1. The Four Data-Sharing Mindsets of Consumers

My co-author, David Rogers, and I wanted to better understand how certain attitudes towards data sharing might help predict which segments of consumers are more willing to share data. Through a factor analysis we were able to effectively split our respondents along two differentiating attitudes:

  • Defensive attitude axis
    This categorized consumers according to whether or not they had: 1) made up personal details to avoid giving away real information, or 2) had taken steps to limit companies from tracking them online.
  • Sharing attitude axis
    This categorized consumers according to their attitude towards sharing personal information to receive relevant offers and discounts.

Within those differentiated attitudes, we further identified four data-sharing mindsets:

  • Defender (43% of survey participants): Consumers who are not happy to share and are guarded against companies asking for their data.
  • Savvy and in control (24% of survey participants): Consumers who are happy to share, while keeping control of how much, when, and with whom.
  • Resigned (23% of survey participants): Consumers who are not guarded, but aren’t happy about sharing, either.
  • Happy go lucky (10% of survey participants): Consumers who are not guarded against sharing their data and are happy to do so.

Data-Sharing-Mindsets

 

[Click here for the full infographic.]

One of the surprising things we found was that 70% of the people who are happy to share their data for relevant value from a company are also taking defensive actions at times to protect the data they share.
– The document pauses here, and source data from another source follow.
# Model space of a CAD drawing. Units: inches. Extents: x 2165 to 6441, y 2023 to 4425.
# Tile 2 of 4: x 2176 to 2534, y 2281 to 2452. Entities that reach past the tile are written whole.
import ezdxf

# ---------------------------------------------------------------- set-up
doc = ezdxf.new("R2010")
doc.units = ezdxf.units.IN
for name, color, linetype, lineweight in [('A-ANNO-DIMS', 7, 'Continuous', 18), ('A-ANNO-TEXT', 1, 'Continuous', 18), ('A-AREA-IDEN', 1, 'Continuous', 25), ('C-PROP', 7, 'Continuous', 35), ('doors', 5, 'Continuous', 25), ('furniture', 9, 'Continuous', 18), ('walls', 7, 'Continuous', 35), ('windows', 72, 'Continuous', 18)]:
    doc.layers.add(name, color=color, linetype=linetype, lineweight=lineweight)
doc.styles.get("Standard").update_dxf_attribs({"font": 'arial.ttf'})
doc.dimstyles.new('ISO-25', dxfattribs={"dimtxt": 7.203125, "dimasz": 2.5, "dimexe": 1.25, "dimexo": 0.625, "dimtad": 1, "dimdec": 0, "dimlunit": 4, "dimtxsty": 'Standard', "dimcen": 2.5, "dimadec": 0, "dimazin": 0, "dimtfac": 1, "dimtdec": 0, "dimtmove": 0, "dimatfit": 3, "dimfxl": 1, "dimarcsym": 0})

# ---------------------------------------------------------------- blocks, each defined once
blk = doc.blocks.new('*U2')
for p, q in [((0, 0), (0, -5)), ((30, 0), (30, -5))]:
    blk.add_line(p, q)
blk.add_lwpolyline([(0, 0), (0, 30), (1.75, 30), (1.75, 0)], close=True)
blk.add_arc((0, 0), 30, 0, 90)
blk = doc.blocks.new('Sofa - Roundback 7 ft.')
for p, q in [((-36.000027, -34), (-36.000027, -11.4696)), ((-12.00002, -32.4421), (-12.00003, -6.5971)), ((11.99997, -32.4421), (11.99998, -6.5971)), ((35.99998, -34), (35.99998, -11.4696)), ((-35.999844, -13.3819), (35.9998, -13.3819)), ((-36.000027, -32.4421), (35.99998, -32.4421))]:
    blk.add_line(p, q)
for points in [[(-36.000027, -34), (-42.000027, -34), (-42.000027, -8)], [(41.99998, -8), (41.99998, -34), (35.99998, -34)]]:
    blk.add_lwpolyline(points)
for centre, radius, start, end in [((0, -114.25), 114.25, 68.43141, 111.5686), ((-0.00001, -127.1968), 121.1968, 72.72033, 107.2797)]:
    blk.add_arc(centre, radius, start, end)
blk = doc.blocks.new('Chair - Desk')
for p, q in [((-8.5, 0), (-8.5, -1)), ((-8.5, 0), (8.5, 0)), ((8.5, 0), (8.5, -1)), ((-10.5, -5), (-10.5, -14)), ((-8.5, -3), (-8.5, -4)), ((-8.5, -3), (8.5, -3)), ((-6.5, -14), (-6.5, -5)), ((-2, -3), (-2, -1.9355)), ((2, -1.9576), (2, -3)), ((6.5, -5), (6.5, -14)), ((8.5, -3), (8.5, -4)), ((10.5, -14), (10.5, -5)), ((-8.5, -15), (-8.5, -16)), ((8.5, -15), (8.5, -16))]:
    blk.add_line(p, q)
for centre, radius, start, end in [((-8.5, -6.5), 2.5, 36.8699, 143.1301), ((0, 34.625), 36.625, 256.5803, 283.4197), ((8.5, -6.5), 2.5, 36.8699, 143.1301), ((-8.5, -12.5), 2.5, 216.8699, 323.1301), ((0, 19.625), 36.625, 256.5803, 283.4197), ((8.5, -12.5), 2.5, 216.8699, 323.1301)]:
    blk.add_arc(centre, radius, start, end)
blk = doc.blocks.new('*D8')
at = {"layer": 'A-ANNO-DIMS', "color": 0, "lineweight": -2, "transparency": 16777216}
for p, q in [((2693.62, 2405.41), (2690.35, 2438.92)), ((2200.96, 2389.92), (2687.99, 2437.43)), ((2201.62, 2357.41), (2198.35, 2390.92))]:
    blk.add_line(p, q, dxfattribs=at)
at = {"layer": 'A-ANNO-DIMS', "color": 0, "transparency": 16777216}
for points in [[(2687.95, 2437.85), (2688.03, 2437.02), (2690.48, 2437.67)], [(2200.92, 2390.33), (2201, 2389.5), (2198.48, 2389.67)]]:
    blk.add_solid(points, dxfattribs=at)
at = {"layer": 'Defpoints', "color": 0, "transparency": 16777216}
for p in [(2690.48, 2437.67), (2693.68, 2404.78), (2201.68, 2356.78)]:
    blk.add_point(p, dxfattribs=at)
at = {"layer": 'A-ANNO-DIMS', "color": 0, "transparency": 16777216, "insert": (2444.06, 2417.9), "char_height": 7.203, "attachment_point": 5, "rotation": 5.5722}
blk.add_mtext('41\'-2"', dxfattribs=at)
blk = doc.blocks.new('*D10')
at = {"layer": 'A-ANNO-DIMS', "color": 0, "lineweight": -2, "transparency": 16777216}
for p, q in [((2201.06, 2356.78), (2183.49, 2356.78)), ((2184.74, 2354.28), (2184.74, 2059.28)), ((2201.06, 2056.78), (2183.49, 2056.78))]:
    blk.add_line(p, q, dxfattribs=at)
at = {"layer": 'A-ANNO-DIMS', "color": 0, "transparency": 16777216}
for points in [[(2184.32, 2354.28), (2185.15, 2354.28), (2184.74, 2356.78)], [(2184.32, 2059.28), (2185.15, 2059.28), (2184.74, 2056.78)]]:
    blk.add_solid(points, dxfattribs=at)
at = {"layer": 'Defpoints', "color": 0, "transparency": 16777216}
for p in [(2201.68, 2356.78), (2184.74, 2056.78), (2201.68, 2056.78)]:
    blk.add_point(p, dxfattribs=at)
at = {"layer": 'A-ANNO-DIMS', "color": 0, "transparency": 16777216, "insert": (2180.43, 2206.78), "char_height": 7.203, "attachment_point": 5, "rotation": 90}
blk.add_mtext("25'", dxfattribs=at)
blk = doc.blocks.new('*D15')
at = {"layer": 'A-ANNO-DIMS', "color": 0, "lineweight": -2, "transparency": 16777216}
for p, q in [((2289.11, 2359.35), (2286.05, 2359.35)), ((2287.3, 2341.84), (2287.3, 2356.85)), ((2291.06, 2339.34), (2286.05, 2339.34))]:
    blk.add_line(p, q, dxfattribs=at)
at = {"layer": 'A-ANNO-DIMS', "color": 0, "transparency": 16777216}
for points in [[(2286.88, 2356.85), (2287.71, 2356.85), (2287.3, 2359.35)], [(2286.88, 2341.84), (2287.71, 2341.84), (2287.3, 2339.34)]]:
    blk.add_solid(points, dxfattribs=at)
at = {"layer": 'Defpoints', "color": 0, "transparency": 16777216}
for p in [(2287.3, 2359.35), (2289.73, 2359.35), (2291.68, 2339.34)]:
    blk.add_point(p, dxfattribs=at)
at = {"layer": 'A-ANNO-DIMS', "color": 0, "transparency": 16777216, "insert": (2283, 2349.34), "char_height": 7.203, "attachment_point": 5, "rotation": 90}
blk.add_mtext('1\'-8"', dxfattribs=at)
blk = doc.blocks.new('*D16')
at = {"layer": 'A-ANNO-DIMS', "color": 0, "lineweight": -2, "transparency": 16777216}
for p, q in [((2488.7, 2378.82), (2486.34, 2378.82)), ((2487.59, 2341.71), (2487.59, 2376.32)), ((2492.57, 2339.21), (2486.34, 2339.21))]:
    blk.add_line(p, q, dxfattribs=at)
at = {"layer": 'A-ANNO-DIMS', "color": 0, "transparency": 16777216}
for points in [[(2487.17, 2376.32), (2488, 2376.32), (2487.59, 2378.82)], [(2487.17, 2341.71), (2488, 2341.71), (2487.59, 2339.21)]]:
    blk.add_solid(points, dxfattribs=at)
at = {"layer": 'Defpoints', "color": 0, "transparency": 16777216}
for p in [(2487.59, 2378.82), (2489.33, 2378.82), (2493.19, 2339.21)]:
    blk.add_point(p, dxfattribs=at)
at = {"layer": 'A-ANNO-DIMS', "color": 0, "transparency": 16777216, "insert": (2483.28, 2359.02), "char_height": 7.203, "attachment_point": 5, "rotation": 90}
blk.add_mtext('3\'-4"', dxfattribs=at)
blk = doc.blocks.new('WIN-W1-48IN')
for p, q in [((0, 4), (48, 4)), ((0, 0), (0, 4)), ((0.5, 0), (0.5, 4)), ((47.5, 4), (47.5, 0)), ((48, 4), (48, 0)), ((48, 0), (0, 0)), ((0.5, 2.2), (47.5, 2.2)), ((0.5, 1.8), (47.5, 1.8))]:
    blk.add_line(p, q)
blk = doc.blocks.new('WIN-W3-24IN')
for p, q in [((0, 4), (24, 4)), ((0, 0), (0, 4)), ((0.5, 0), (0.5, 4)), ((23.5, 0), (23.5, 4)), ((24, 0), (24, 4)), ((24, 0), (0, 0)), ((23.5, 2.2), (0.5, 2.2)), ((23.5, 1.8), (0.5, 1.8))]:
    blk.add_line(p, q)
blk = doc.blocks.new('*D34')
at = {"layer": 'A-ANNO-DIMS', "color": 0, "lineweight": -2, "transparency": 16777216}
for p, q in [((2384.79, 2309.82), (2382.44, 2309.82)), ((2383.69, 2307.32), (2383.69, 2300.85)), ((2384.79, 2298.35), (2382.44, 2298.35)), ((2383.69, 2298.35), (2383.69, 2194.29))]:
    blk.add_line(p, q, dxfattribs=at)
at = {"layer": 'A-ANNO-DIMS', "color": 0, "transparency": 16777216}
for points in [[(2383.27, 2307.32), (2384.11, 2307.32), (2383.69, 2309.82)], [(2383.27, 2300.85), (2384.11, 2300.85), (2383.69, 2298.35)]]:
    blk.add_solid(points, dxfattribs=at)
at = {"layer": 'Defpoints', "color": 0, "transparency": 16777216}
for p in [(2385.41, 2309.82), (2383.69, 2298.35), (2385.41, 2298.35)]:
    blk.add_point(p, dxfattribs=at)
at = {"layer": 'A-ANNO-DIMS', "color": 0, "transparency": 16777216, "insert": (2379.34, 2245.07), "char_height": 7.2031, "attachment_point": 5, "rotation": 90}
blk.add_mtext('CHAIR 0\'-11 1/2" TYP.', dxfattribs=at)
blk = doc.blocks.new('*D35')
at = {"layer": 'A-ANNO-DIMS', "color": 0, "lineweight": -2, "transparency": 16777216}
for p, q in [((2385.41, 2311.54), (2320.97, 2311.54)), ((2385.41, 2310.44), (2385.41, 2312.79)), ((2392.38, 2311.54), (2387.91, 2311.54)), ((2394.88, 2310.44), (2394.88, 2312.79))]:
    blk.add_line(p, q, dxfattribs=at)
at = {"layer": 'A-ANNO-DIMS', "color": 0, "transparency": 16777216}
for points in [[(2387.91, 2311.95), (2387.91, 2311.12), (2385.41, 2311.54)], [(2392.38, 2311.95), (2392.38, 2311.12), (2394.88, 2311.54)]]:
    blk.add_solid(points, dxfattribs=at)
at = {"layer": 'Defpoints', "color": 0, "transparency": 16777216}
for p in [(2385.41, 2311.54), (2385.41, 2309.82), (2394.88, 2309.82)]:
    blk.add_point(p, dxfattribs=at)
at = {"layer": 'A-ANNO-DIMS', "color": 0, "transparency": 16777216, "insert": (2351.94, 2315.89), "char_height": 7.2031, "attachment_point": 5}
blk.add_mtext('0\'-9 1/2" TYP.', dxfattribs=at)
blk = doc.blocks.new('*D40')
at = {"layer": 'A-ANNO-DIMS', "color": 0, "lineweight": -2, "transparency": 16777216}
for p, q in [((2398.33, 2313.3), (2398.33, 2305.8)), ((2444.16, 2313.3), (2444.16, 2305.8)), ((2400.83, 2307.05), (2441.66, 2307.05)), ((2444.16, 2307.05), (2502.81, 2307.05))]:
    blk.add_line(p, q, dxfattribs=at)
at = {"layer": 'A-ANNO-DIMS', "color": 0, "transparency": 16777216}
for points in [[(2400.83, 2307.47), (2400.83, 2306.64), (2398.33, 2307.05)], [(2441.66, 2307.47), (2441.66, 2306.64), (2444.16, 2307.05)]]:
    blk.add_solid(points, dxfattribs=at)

Being attentive about one’s data and being happy to share it are not mutually exclusive.

Most interestingly, among all four Mindsets these “protective but happy to share” consumers – the Savvy and In Control mindset – are more comfortable with how companies handle their data, more willing to share various data points, and more influenced by brand trust.

While we are wary of making predictions of generational attitudes into the future, we do believe that the impact of growing up in a hyper-connected society will remain as generations grow older. Given this, the much larger percentage of Millennials and Generation X members in the Savvy and In Control mindset should offer companies hope for building stronger consumer relationships over time.

What is the takeaway for companies? In order to build a “win-win” scenario with your customers when it comes to collecting their data, a company must provide transparency about how they are using data and also give consumers a level of control on how they choose to share their data. In addition, companies must demonstrate how customers will get value from sharing non-required data points.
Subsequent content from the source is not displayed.